Rep. Jared Polis (D-Colo.) has introduced the federal Student Non-Discrimination Act (H.R.4350) into the US House of Representatives. The bill aims to curb violence against students in public schools who identify as being lesbian, gay, bisexual or transgender (LGBT) and to establish a federal prohibition on discrimination in public schools based on a student’s perceived or actual sexual orientation or gender identity.
From Rep Jared Polis’ press release:
“Every day innocent students fall victim to relentless harassment and discrimination from teachers, staff, and fellow students based on their sexual orientation,” said Polis. “These actions not only hurt our students and our schools but, left unchecked, can also lead to life-threatening violence. Like Title VI for minorities in the 60s and Title IX for women in the 70s, my legislation puts LGBT students on an equal footing with their peers, so they can attend school and get a quality education, free from fear.”
Current federal statutes already give protected status to students on the basis of their race, color, sex, religion, disability and national origin. Currently, no express federal protection exists for sexual orientation or gender identity. This means that school districts often have no comprehensive guide on how to tackle anti-gay prejudice and bullying, and that they are not always held accountable for taking steps to manage and prevent the bullying and mistreatment of LGBT students in their care.
The bill has 60 original co-sponsors including Rep. Tammy Baldwin and Rep. Barney Frank. The ACLU has released a statement calling the bill “well overdue,” and praising Rep Jared Polis’ advocacy and leadership on this issue. Christopher Anders, ACLU Senior Legislative Counsel, writes:
“This landmark bill is long overdue. Many LGBT students face harassment, discrimination and sometimes violence in our schools. Our public schools should not be places of exclusion, but places where students feel safe and free from discrimination. The Student Non-Discrimination Act will go a long way toward protecting LGBT students and will help promote a better learning environment. We urge the House to take swift action on this bill.”
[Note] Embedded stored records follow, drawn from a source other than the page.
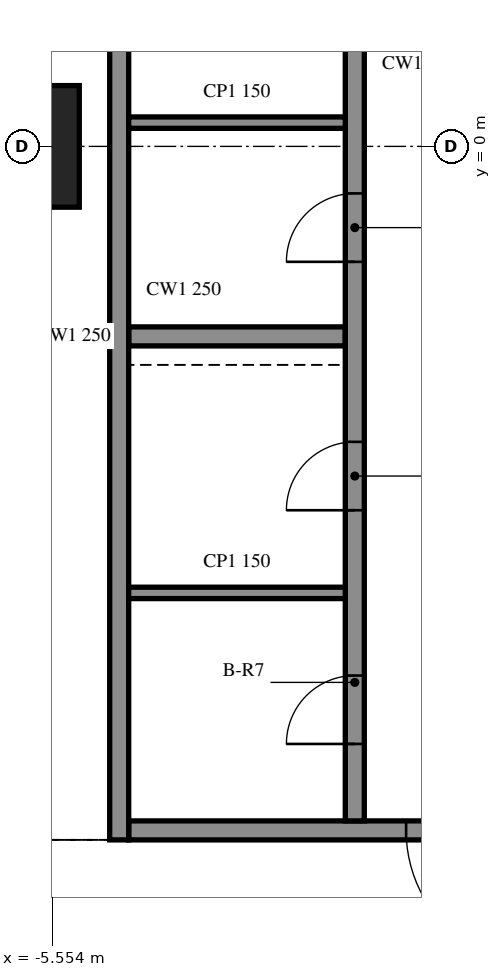
"""IFC4 building model, lengths in metres.
Left out: names, types, materials, properties, quantities, classifications, styles, units other than length and angle.
Written with IfcOpenShell. Run it as: python <this file> out.ifc"""

import sys

from ifc_helpers import new_model, si_unit, direction, frame, frame_2d, origin, origin_2d, place, context, subcontext, project, spatial, rectangle, extrude, element, fill, save


model = new_model("IFC4")
c1 = context("Model", 3, precision=1e-05, world=origin(), true_north=direction((0.0, 1.0)))
c2 = subcontext(c1, "Body", "Model", "MODEL_VIEW")
j1 = project(units=[si_unit("LENGTHUNIT", "METRE"), si_unit("PLANEANGLEUNIT", "RADIAN")], contexts=[c1])
p1 = place(None, origin())
s1 = spatial("IfcSite", under=j1, at=p1, CompositionType="ELEMENT")
p2 = place(p1, origin())
s2 = spatial("IfcBuilding", under=s1, at=p2, CompositionType="ELEMENT")
p3 = place(p2, frame((0.0, 0.0, 41.6)))
s3 = spatial("IfcBuildingStorey", under=s2, at=p3, CompositionType="ELEMENT", Elevation=41.6)
p4 = place(p3, frame((-6.0, 0.0, -0.55), z_axis=(0.0, 0.0, 1.0), x_axis=(1.0, 0.0, 0.0)))
e1 = element("IfcColumn", 1, at=p4, inside=s3, PredefinedType="COLUMN", context=c2, shape_type="SweptSolid", body=[
    extrude(rectangle(XDim=1.6, YDim=1.6, at=origin_2d()), origin(), (0.0, 0.0, 1.0), 4.61),
])
p5 = place(p3, frame((-4.675, 15.125, 0.0), z_axis=(0.0, 0.0, 1.0), x_axis=(0.0, -1.0, 0.0)))
e2 = element("IfcWall", 2, at=p5, inside=s3, PredefinedType="SOLIDWALL", context=c2, shape_type="SweptSolid", body=[
    extrude(rectangle(XDim=24.25, YDim=0.25, at=frame_2d((12.125, 0.0))), origin(), (0.0, 0.0, 1.0), 4.06),
])
p6 = place(p3, frame((4.55, -9.0, 0.0), z_axis=(0.0, 0.0, 1.0), x_axis=(-1.0, 0.0, 0.0)))
e3 = element("IfcWall", 3, at=p6, inside=s3, PredefinedType="SOLIDWALL", context=c2, shape_type="SweptSolid", body=[
    extrude(rectangle(XDim=9.1, YDim=0.25, at=frame_2d((4.55, 0.0))), origin(), (0.0, 0.0, 1.0), 4.06),
])
p7 = place(p6, frame((3.65, 0.0, 0.0)))
e4 = element("IfcOpeningElement", 4, at=p7, cuts=e3, PredefinedType="OPENING", context=c2, shape_type="SweptSolid", body=[
    extrude(rectangle(XDim=1.8, YDim=2.1, at=frame_2d((0.9, 1.05))), frame((0.0, 0.135, 0.0), z_axis=(0.0, -1.0, 0.0), x_axis=(1.0, 0.0, 0.0)), (0.0, 0.0, 1.0), 0.27),
])
p8 = place(p3, frame((-1.575, -8.875, 0.0), z_axis=(0.0, 0.0, 1.0), x_axis=(0.0, 1.0, 0.0)))
e5 = element("IfcWall", 5, at=p8, inside=s3, PredefinedType="SOLIDWALL", context=c2, shape_type="SweptSolid", body=[
    extrude(rectangle(XDim=23.75, YDim=0.25, at=frame_2d((11.875, 0.0))), origin(), (0.0, 0.0, 1.0), 4.06),
])
p9 = place(p8, frame((7.356, 0.0, 0.0)))
e6 = element("IfcOpeningElement", 6, at=p9, cuts=e5, PredefinedType="OPENING", context=c2, shape_type="SweptSolid", body=[
    extrude(rectangle(XDim=0.9, YDim=2.1, at=frame_2d((0.45, 1.05))), frame((0.0, 0.135, 0.0), z_axis=(0.0, -1.0, 0.0), x_axis=(1.0, 0.0, 0.0)), (0.0, 0.0, 1.0), 0.27),
])
p10 = place(p8, frame((11.425, 0.0, 0.0)))
e7 = element("IfcOpeningElement", 7, at=p10, cuts=e5, PredefinedType="OPENING", context=c2, shape_type="SweptSolid", body=[
    extrude(rectangle(XDim=0.9, YDim=2.1, at=frame_2d((0.45, 1.05))), frame((0.0, 0.135, 0.0), z_axis=(0.0, -1.0, 0.0), x_axis=(1.0, 0.0, 0.0)), (0.0, 0.0, 1.0), 0.27),
])
p11 = place(p8, frame((15.494, 0.0, 0.0)))
e8 = element("IfcOpeningElement", 8, at=p11, cuts=e5, PredefinedType="OPENING", context=c2, shape_type="SweptSolid", body=[
    extrude(rectangle(XDim=0.9, YDim=2.1, at=frame_2d((0.45, 1.05))), frame((0.0, 0.135, 0.0), z_axis=(0.0, -1.0, 0.0), x_axis=(1.0, 0.0, 0.0)), (0.0, 0.0, 1.0), 0.27),
])
p12 = place(p8, frame((1.012, 0.0, 0.0)))
e9 = element("IfcOpeningElement", 9, at=p12, cuts=e5, PredefinedType="OPENING", context=c2, shape_type="SweptSolid", body=[
    extrude(rectangle(XDim=0.9, YDim=2.1, at=frame_2d((0.45, 1.05))), frame((0.0, 0.135, 0.0), z_axis=(0.0, -1.0, 0.0), x_axis=(1.0, 0.0, 0.0)), (0.0, 0.0, 1.0), 0.27),
])
p13 = place(p8, frame((4.087, 0.0, 0.0)))
e10 = element("IfcOpeningElement", 10, at=p13, cuts=e5, PredefinedType="OPENING", context=c2, shape_type="SweptSolid", body=[
    extrude(rectangle(XDim=0.9, YDim=2.1, at=frame_2d((0.45, 1.05))), frame((0.0, 0.135, 0.0), z_axis=(0.0, -1.0, 0.0), x_axis=(1.0, 0.0, 0.0)), (0.0, 0.0, 1.0), 0.27),
])
p14 = place(p8, frame((18.262, 0.0, 0.0)))
e11 = element("IfcOpeningElement", 11, at=p14, cuts=e5, PredefinedType="OPENING", context=c2, shape_type="SweptSolid", body=[
    extrude(rectangle(XDim=0.9, YDim=2.1, at=frame_2d((0.45, 1.05))), frame((0.0, 0.135, 0.0), z_axis=(0.0, -1.0, 0.0), x_axis=(1.0, 0.0, 0.0)), (0.0, 0.0, 1.0), 0.27),
])
p15 = place(p8, frame((20.3, 0.0, 0.0)))
e12 = element("IfcOpeningElement", 12, at=p15, cuts=e5, PredefinedType="OPENING", context=c2, shape_type="SweptSolid", body=[
    extrude(rectangle(XDim=0.9, YDim=2.1, at=frame_2d((0.45, 1.05))), frame((0.0, 0.135, 0.0), z_axis=(0.0, -1.0, 0.0), x_axis=(1.0, 0.0, 0.0)), (0.0, 0.0, 1.0), 0.27),
])
p16 = place(p8, frame((22.337, 0.0, 0.0)))
e13 = element("IfcOpeningElement", 13, at=p16, cuts=e5, PredefinedType="OPENING", context=c2, shape_type="SweptSolid", body=[
    extrude(rectangle(XDim=0.9, YDim=2.1, at=frame_2d((0.45, 1.05))), frame((0.0, 0.135, 0.0), z_axis=(0.0, -1.0, 0.0), x_axis=(1.0, 0.0, 0.0)), (0.0, 0.0, 1.0), 0.27),
])
p17 = place(p3, frame((-4.55, -2.5, 0.0), z_axis=(0.0, 0.0, 1.0), x_axis=(1.0, 0.0, 0.0)))
e14 = element("IfcWall", 14, at=p17, inside=s3, PredefinedType="SOLIDWALL", context=c2, shape_type="SweptSolid", body=[
    extrude(rectangle(XDim=2.85, YDim=0.25, at=frame_2d((1.425, 0.0))), origin(), (0.0, 0.0, 1.0), 4.06),
])
for number, where, z_axis, x_axis in (
    (15, (-4.55, 0.312, 0.0), (0.0, 0.0, 1.0), (1.0, 0.0, 0.0)),
    (16, (-4.55, -5.875, 0.0), (0.0, 0.0, 1.0), (1.0, 0.0, 0.0)),
):
    element("IfcWall", number, at=place(p3, frame(where, z_axis=z_axis, x_axis=x_axis)), inside=s3, PredefinedType="PARTITIONING", context=c2, shape_type="SweptSolid", body=[
        extrude(rectangle(XDim=2.85, YDim=0.15, at=frame_2d((1.425, 0.0))), origin(), (0.0, 0.0, 1.0), 4.06),
    ])
p18 = place(p7, origin())
e17 = element("IfcDoor", 17, at=p18, inside=s3, OperationType="DOUBLE_DOOR_SINGLE_SWING", PredefinedType="DOOR", context=c2, shape_type="SweptSolid", body=[
    extrude(rectangle(XDim=1.8, YDim=2.1, at=frame_2d((0.9, 1.05))), frame((0.0, 0.025, 0.0), z_axis=(0.0, -1.0, 0.0), x_axis=(1.0, 0.0, 0.0)), (0.0, 0.0, 1.0), 0.05),
])
fill(e4, e17)
p19 = place(p9, origin())
e18 = element("IfcDoor", 18, at=p19, inside=s3, OperationType="SINGLE_SWING_LEFT", PredefinedType="DOOR", context=c2, shape_type="SweptSolid", body=[
    extrude(rectangle(XDim=0.9, YDim=2.1, at=frame_2d((0.45, 1.05))), frame((0.0, 0.025, 0.0), z_axis=(0.0, -1.0, 0.0), x_axis=(1.0, 0.0, 0.0)), (0.0, 0.0, 1.0), 0.05),
])
fill(e6, e18)
p20 = place(p12, origin())
e19 = element("IfcDoor", 19, at=p20, inside=s3, OperationType="SINGLE_SWING_LEFT", PredefinedType="DOOR", context=c2, shape_type="SweptSolid", body=[
    extrude(rectangle(XDim=0.9, YDim=2.1, at=frame_2d((0.45, 1.05))), frame((0.0, 0.025, 0.0), z_axis=(0.0, -1.0, 0.0), x_axis=(1.0, 0.0, 0.0)), (0.0, 0.0, 1.0), 0.05),
])
fill(e9, e19)
p21 = place(p13, origin())
e20 = element("IfcDoor", 20, at=p21, inside=s3, OperationType="SINGLE_SWING_RIGHT", PredefinedType="DOOR", context=c2, shape_type="SweptSolid", body=[
    extrude(rectangle(XDim=0.9, YDim=2.1, at=frame_2d((0.45, 1.05))), frame((0.0, 0.025, 0.0), z_axis=(0.0, -1.0, 0.0), x_axis=(1.0, 0.0, 0.0)), (0.0, 0.0, 1.0), 0.05),
])
fill(e10, e20)
save(model, sys.argv[1])

Lambda Legal similarly praised the bill and also highlighted how they have presonally seen a very real need for such protection in US schools. From the Lambda Legal press release:
“At Lambda Legal, we’ve encountered extraordinary cases of violence and discrimination against LGBT young people in schools – and sometimes against the allies who try to support them. The Student Non-Discrimination Act takes a big step toward a safer and healthier environment in every public school.
“Gay, lesbian, bisexual and transgender students have long been at a significant disadvantage without specific protection under federal law. All students have a right to a safe learning environment, and this law will leave no doubt as to public schools’ responsibility to provide it.”
In a 2009 National School Climate Survey conducted by the Gay, Lesbian, Straight Education Network (GLSEN), 91 percent of middle school students who identified as being LGBT reported that they had been verbally harassed because of their perceived or actual sexuality, while 59 percent reported that they had been physically harassed (pushed about or shoved), and 38 percent reported that they had been physically assaulted (punched, kicked or injured with a weapon). A similar trend was found for students facing hostility over their perceived or actual gender expression.
The study also noted the following:
Finding: Many LGBT students in middle school did not have access to important resources and interventions that can improve school climate.
Very few LGBT middle school students (4%) reported that their school had a Gay-Straight Alliance or similar student club, and they were much less likely to have a GSA than students in high school (43%).
64% of LGBT middle school students reported having at least one teacher or other school staff person in school who they felt was supportive of LGBT students, but they were less likely than high school students (86%) to report having supportive school staff.
When asked about the presence of school policies addressing harassment, 52% of LGBT middle school students reported that their school had some type of anti-harassment policy. However, only 17% of middle school students reported that the policy explicitly mentioned protections from harassment based on sexual orientation and/or gender identity/expression.
If there’s any doubt in your mind as to the need for the Student Non-Discrimination Act, Sirdeaner Walker’s story may speak to you. In 2009 her son, Carl Joseph Walker-Hoover, committed suicide by hanging himself. Why? Mrs. Walker puts it down to the near constant bullying he had endured at school over his perceived sexuality. Carl was just eleven-years-old. When, prior to Carl’s suicide, Mrs. Walker had raised concerns with the school, they dismissed the name calling and physical harassment her son had received as being “normal.” On the school’s failure to help her son, she later said:
“I desperately wish they had been right. But like the vast majority of schools… they just didn’t know how to deal with bullying. They simply didn’t have the policies or the training to make it better. And the problem just got worse.”